Under these sudden changes of fortune it is seldom that the
sufferer remains amid the ruins of past prosperity. The human
instinct is to fly and hide. The wound heals more readily amongst
strangers. The material evils of life are never so intolerable as
the public loss of caste. It may be said that it is people, not
things, which cause most of the world's unhappiness. Mrs. Raymond
came to New York, where she had not a friend except the son she
brought with her, there to set herself with an undaunted heart to
earn the seventeen hundred dollars she had voluntarily taken on
her shoulders to repay.
George Raymond, her son, was then a boy of fifteen.

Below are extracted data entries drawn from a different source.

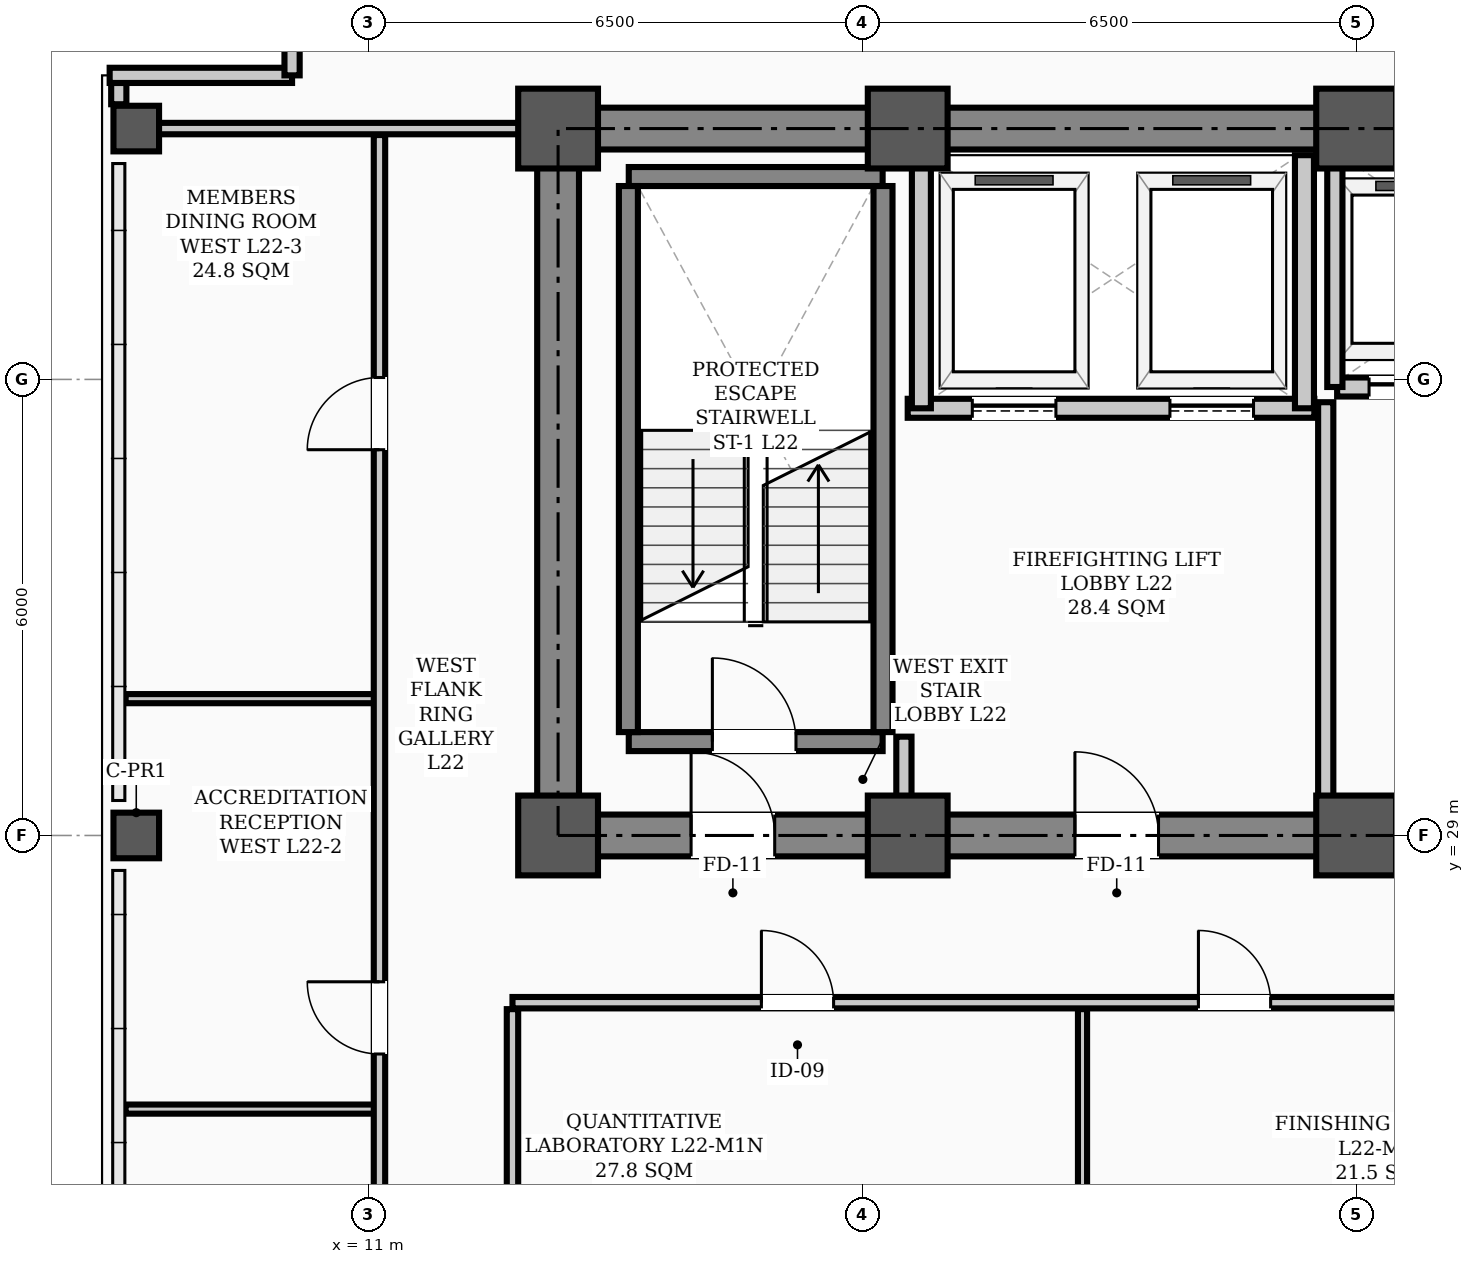
"""IFC4 building model, lengths in metres.
Left out: names, types, materials, properties, quantities, classifications, styles, units other than length and angle.
Written with IfcOpenShell. Run it as: python <this file> out.ifc"""

import sys

from ifc_helpers import new_model, si_unit, direction, frame, frame_2d, origin, origin_2d, place, context, subcontext, project, spatial, rectangle, hollow_rectangle, extrude, element, fill, save


model = new_model("IFC4")
c1 = context("Model", 3, precision=1e-05, world=origin(), true_north=direction((0.0, 1.0)))
c2 = subcontext(c1, "Body", "Model", "MODEL_VIEW")
j1 = project(units=[si_unit("LENGTHUNIT", "METRE"), si_unit("PLANEANGLEUNIT", "RADIAN")], contexts=[c1])
p1 = place(None, origin())
s1 = spatial("IfcSite", under=j1, at=p1, CompositionType="ELEMENT")
p2 = place(p1, origin())
s2 = spatial("IfcBuilding", under=s1, at=p2, CompositionType="ELEMENT")
p3 = place(p2, frame((0.0, 0.0, 88.9)))
s3 = spatial("IfcBuildingStorey", under=s2, at=p3, CompositionType="ELEMENT", Elevation=88.9)
for number, where, z_axis, x_axis in (
    (1, (13.5, 29.0, 0.0), (0.0, 0.0, 1.0), (1.0, 0.0, 0.0)),
    (2, (13.5, 38.3, 0.0), (0.0, 0.0, 1.0), (1.0, 0.0, 0.0)),
    (3, (18.1, 29.0, 0.0), (0.0, 0.0, 1.0), (1.0, 0.0, 0.0)),
    (4, (18.1, 38.3, 0.0), (0.0, 0.0, 1.0), (1.0, 0.0, 0.0)),
    (5, (24.0, 29.0, 0.0), (0.0, 0.0, 1.0), (1.0, 0.0, 0.0)),
    (6, (24.0, 38.3, 0.0), (0.0, 0.0, 1.0), (1.0, 0.0, 0.0)),
):
    element("IfcColumn", number, at=place(p3, frame(where, z_axis=z_axis, x_axis=x_axis)), inside=s3, PredefinedType="COLUMN", context=c2, shape_type="SweptSolid", body=[
        extrude(hollow_rectangle(XDim=1.05, YDim=1.05, WallThickness=0.038, InnerFilletRadius=0.019, OuterFilletRadius=0.057, at=origin_2d()), origin(), (0.0, 0.0, 1.0), 3.9),
    ])
for number, where, z_axis, x_axis in (
    (7, (7.95, 29.0, 0.0), (0.0, 0.0, 1.0), (1.0, 0.0, 0.0)),
    (8, (7.95, 38.3, 0.0), (0.0, 0.0, 1.0), (1.0, 0.0, 0.0)),
):
    element("IfcColumn", number, at=place(p3, frame(where, z_axis=z_axis, x_axis=x_axis)), inside=s3, PredefinedType="COLUMN", context=c2, shape_type="SweptSolid", body=[
        extrude(hollow_rectangle(XDim=0.6, YDim=0.6, WallThickness=0.026, InnerFilletRadius=0.013, OuterFilletRadius=0.039, at=origin_2d()), origin(), (0.0, 0.0, 1.0), 3.9),
    ])
p4 = place(p3, frame((7.72, 38.62, 0.0), z_axis=(0.0, 0.0, 1.0), x_axis=(0.0, 1.0, 0.0)))
e9 = element("IfcWall", 9, at=p4, inside=s3, PredefinedType="PARAPET", context=c2, shape_type="SweptSolid", body=[
    extrude(rectangle(XDim=0.28, YDim=0.2, at=frame_2d((0.14, 0.0))), origin(), (0.0, 0.0, 1.0), 1.2),
])
for number, where, z_axis, x_axis in (
    (10, (7.6, 39.0, 0.0), (0.0, 0.0, 1.0), (1.0, 0.0, 0.0)),
    (11, (10.0, 39.0, 0.0), (0.0, 0.0, 1.0), (0.0, 1.0, 0.0)),
):
    element("IfcWall", number, at=place(p3, frame(where, z_axis=z_axis, x_axis=x_axis)), inside=s3, PredefinedType="PARAPET", context=c2, shape_type="SweptSolid", body=[
        extrude(rectangle(XDim=2.4, YDim=0.2, at=frame_2d((1.2, 0.0))), origin(), (0.0, 0.0, 1.0), 1.2),
    ])
p5 = place(p3, frame((13.5, 29.0, 0.0), z_axis=(0.0, 0.0, 1.0), x_axis=(1.0, 0.0, 0.0)))
e12 = element("IfcWall", 12, at=p5, inside=s3, PredefinedType="SHEAR", context=c2, shape_type="SweptSolid", body=[
    extrude(rectangle(XDim=30.5, YDim=0.55, at=frame_2d((15.25, 0.0))), origin(), (0.0, 0.0, 1.0), 3.72),
])
p6 = place(p5, frame((1.75, 0.0, 0.0)))
e13 = element("IfcOpeningElement", 13, at=p6, cuts=e12, PredefinedType="OPENING", context=c2, shape_type="SweptSolid", body=[
    extrude(rectangle(XDim=1.1, YDim=2.08, at=frame_2d((0.55, 1.04))), frame((0.0, 0.285, 0.0), z_axis=(0.0, -1.0, 0.0), x_axis=(1.0, 0.0, 0.0)), (0.0, 0.0, 1.0), 0.57),
])
p7 = place(p5, frame((26.7, 0.0, 0.0)))
e14 = element("IfcOpeningElement", 14, at=p7, cuts=e12, PredefinedType="OPENING", context=c2, shape_type="SweptSolid", body=[
    extrude(rectangle(XDim=1.1, YDim=2.08, at=frame_2d((0.55, 1.04))), frame((0.0, 0.285, 0.0), z_axis=(0.0, -1.0, 0.0), x_axis=(1.0, 0.0, 0.0)), (0.0, 0.0, 1.0), 0.57),
])
p8 = place(p5, frame((6.8, 0.0, 0.0)))
e15 = element("IfcOpeningElement", 15, at=p8, cuts=e12, PredefinedType="OPENING", context=c2, shape_type="SweptSolid", body=[
    extrude(rectangle(XDim=1.1, YDim=2.08, at=frame_2d((0.55, 1.04))), frame((0.0, 0.285, 0.0), z_axis=(0.0, -1.0, 0.0), x_axis=(1.0, 0.0, 0.0)), (0.0, 0.0, 1.0), 0.57),
])
p9 = place(p5, frame((13.2, 0.0, 0.0)))
e16 = element("IfcOpeningElement", 16, at=p9, cuts=e12, PredefinedType="OPENING", context=c2, shape_type="SweptSolid", body=[
    extrude(rectangle(XDim=1.6, YDim=2.08, at=frame_2d((0.8, 1.04))), frame((0.0, 0.285, 0.0), z_axis=(0.0, -1.0, 0.0), x_axis=(1.0, 0.0, 0.0)), (0.0, 0.0, 1.0), 0.57),
])
p10 = place(p5, frame((20.525, 0.0, 0.0)))
e17 = element("IfcOpeningElement", 17, at=p10, cuts=e12, PredefinedType="OPENING", context=c2, shape_type="SweptSolid", body=[
    extrude(rectangle(XDim=0.95, YDim=2.08, at=frame_2d((0.475, 1.04))), frame((0.0, 0.285, 0.0), z_axis=(0.0, -1.0, 0.0), x_axis=(1.0, 0.0, 0.0)), (0.0, 0.0, 1.0), 0.57),
])
p11 = place(p3, frame((13.5, 38.3, 0.0), z_axis=(0.0, 0.0, 1.0), x_axis=(1.0, 0.0, 0.0)))
e18 = element("IfcWall", 18, at=p11, inside=s3, PredefinedType="SHEAR", context=c2, shape_type="SweptSolid", body=[
    extrude(rectangle(XDim=30.5, YDim=0.55, at=frame_2d((15.25, 0.0))), origin(), (0.0, 0.0, 1.0), 3.72),
])
p12 = place(p3, frame((13.5, 29.35, 0.0), z_axis=(0.0, 0.0, 1.0), x_axis=(0.0, 1.0, 0.0)))
e19 = element("IfcWall", 19, at=p12, inside=s3, PredefinedType="SHEAR", context=c2, shape_type="SweptSolid", body=[
    extrude(rectangle(XDim=8.6, YDim=0.55, at=frame_2d((4.3, 0.0))), origin(), (0.0, 0.0, 1.0), 3.72),
])
p13 = place(p3, frame((14.43, 30.235, 0.0), z_axis=(0.0, 0.0, 1.0), x_axis=(1.0, 0.0, 0.0)))
e20 = element("IfcWall", 20, at=p13, inside=s3, PredefinedType="STANDARD", context=c2, shape_type="SweptSolid", body=[
    extrude(rectangle(XDim=3.34, YDim=0.25, at=frame_2d((1.67, 0.0))), origin(), (0.0, 0.0, 1.0), 3.72),
])
p14 = place(p13, frame((1.1, 0.0, 0.0)))
e21 = element("IfcOpeningElement", 21, at=p14, cuts=e20, PredefinedType="OPENING", context=c2, shape_type="SweptSolid", body=[
    extrude(rectangle(XDim=1.1, YDim=2.08, at=frame_2d((0.55, 1.04))), frame((0.0, 0.135, 0.0), z_axis=(0.0, -1.0, 0.0), x_axis=(1.0, 0.0, 0.0)), (0.0, 0.0, 1.0), 0.27),
])
p15 = place(p3, frame((14.43, 37.669, 0.0), z_axis=(0.0, 0.0, 1.0), x_axis=(1.0, 0.0, 0.0)))
e22 = element("IfcWall", 22, at=p15, inside=s3, PredefinedType="STANDARD", context=c2, shape_type="SweptSolid", body=[
    extrude(rectangle(XDim=3.34, YDim=0.25, at=frame_2d((1.67, 0.0))), origin(), (0.0, 0.0, 1.0), 3.72),
])
for number, where, z_axis, x_axis in (
    (23, (14.425, 30.36, 0.0), (0.0, 0.0, 1.0), (0.0, 1.0, 0.0)),
    (24, (17.775, 30.36, 0.0), (0.0, 0.0, 1.0), (0.0, 1.0, 0.0)),
):
    element("IfcWall", number, at=place(p3, frame(where, z_axis=z_axis, x_axis=x_axis)), inside=s3, PredefinedType="STANDARD", context=c2, shape_type="SweptSolid", body=[
        extrude(rectangle(XDim=7.184, YDim=0.25, at=frame_2d((3.592, 0.0))), origin(), (0.0, 0.0, 1.0), 3.72),
    ])
p16 = place(p3, frame((18.1, 34.62, 0.0), z_axis=(0.0, 0.0, 1.0), x_axis=(1.0, 0.0, 0.0)))
e25 = element("IfcWall", 25, at=p16, inside=s3, PredefinedType="STANDARD", context=c2, shape_type="SweptSolid", body=[
    extrude(rectangle(XDim=5.35, YDim=0.25, at=frame_2d((2.675, 0.0))), origin(), (0.0, 0.0, 1.0), 3.72),
])
p17 = place(p16, frame((0.85, 0.0, 0.0)))
e26 = element("IfcOpeningElement", 26, at=p17, cuts=e25, PredefinedType="OPENING", context=c2, shape_type="SweptSolid", body=[
    extrude(rectangle(XDim=1.1, YDim=2.08, at=frame_2d((0.55, 1.04))), frame((0.0, 0.135, 0.0), z_axis=(0.0, -1.0, 0.0), x_axis=(1.0, 0.0, 0.0)), (0.0, 0.0, 1.0), 0.27),
])
p18 = place(p16, frame((3.45, 0.0, 0.0)))
e27 = element("IfcOpeningElement", 27, at=p18, cuts=e25, PredefinedType="OPENING", context=c2, shape_type="SweptSolid", body=[
    extrude(rectangle(XDim=1.1, YDim=2.08, at=frame_2d((0.55, 1.04))), frame((0.0, 0.135, 0.0), z_axis=(0.0, -1.0, 0.0), x_axis=(1.0, 0.0, 0.0)), (0.0, 0.0, 1.0), 0.27),
])
for number, where, z_axis, x_axis in (
    (28, (18.28, 34.62, 0.0), (0.0, 0.0, 1.0), (0.0, 1.0, 0.0)),
    (29, (23.32, 34.62, 0.0), (0.0, 0.0, 1.0), (0.0, 1.0, 0.0)),
):
    element("IfcWall", number, at=place(p3, frame(where, z_axis=z_axis, x_axis=x_axis)), inside=s3, PredefinedType="STANDARD", context=c2, shape_type="SweptSolid", body=[
        extrude(rectangle(XDim=3.33, YDim=0.25, at=frame_2d((1.665, 0.0))), origin(), (0.0, 0.0, 1.0), 3.3),
    ])
p19 = place(p3, frame((23.75, 34.9, 0.0), z_axis=(0.0, 0.0, 1.0), x_axis=(1.0, 0.0, 0.0)))
e30 = element("IfcWall", 30, at=p19, inside=s3, PredefinedType="STANDARD", context=c2, shape_type="SweptSolid", body=[
    extrude(rectangle(XDim=4.4, YDim=0.25, at=frame_2d((2.2, 0.0))), origin(), (0.0, 0.0, 1.0), 3.72),
])
p20 = place(p19, frame((0.42, 0.0, 0.0)))
e31 = element("IfcOpeningElement", 31, at=p20, cuts=e30, PredefinedType="OPENING", context=c2, shape_type="SweptSolid", body=[
    extrude(rectangle(XDim=1.3, YDim=2.08, at=frame_2d((0.65, 1.04))), frame((0.0, 0.135, 0.0), z_axis=(0.0, -1.0, 0.0), x_axis=(1.0, 0.0, 0.0)), (0.0, 0.0, 1.0), 0.27),
])
p21 = place(p19, frame((2.68, 0.0, 0.0)))
e32 = element("IfcOpeningElement", 32, at=p21, cuts=e30, PredefinedType="OPENING", context=c2, shape_type="SweptSolid", body=[
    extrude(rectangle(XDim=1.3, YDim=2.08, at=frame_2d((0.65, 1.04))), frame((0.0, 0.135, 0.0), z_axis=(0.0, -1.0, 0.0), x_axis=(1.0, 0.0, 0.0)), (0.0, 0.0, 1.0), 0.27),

High-strung,
high-spirited, with all the seriousness of a youngster who had
prematurely learned to think for himself, he had arrived at the
age when ineffaceable impressions are made and the tendencies of a
lifetime decided. Passionately attached to his father, he had lost
him in a way that would have made death seem preferable. He saw
his mother, so shortly before the great lady of a little town,
working out like a servant in other people's houses. The tragedy
of it all ate into his soul and overcame him with a sense of
hopelessness and despair. It would not have been so hard could he
have helped, even in a small way, towards the recovery of their
fortunes; but his mother, faithful even in direst poverty to her
New England blood, sent him to school, determined that at any
sacrifice he should finish his education.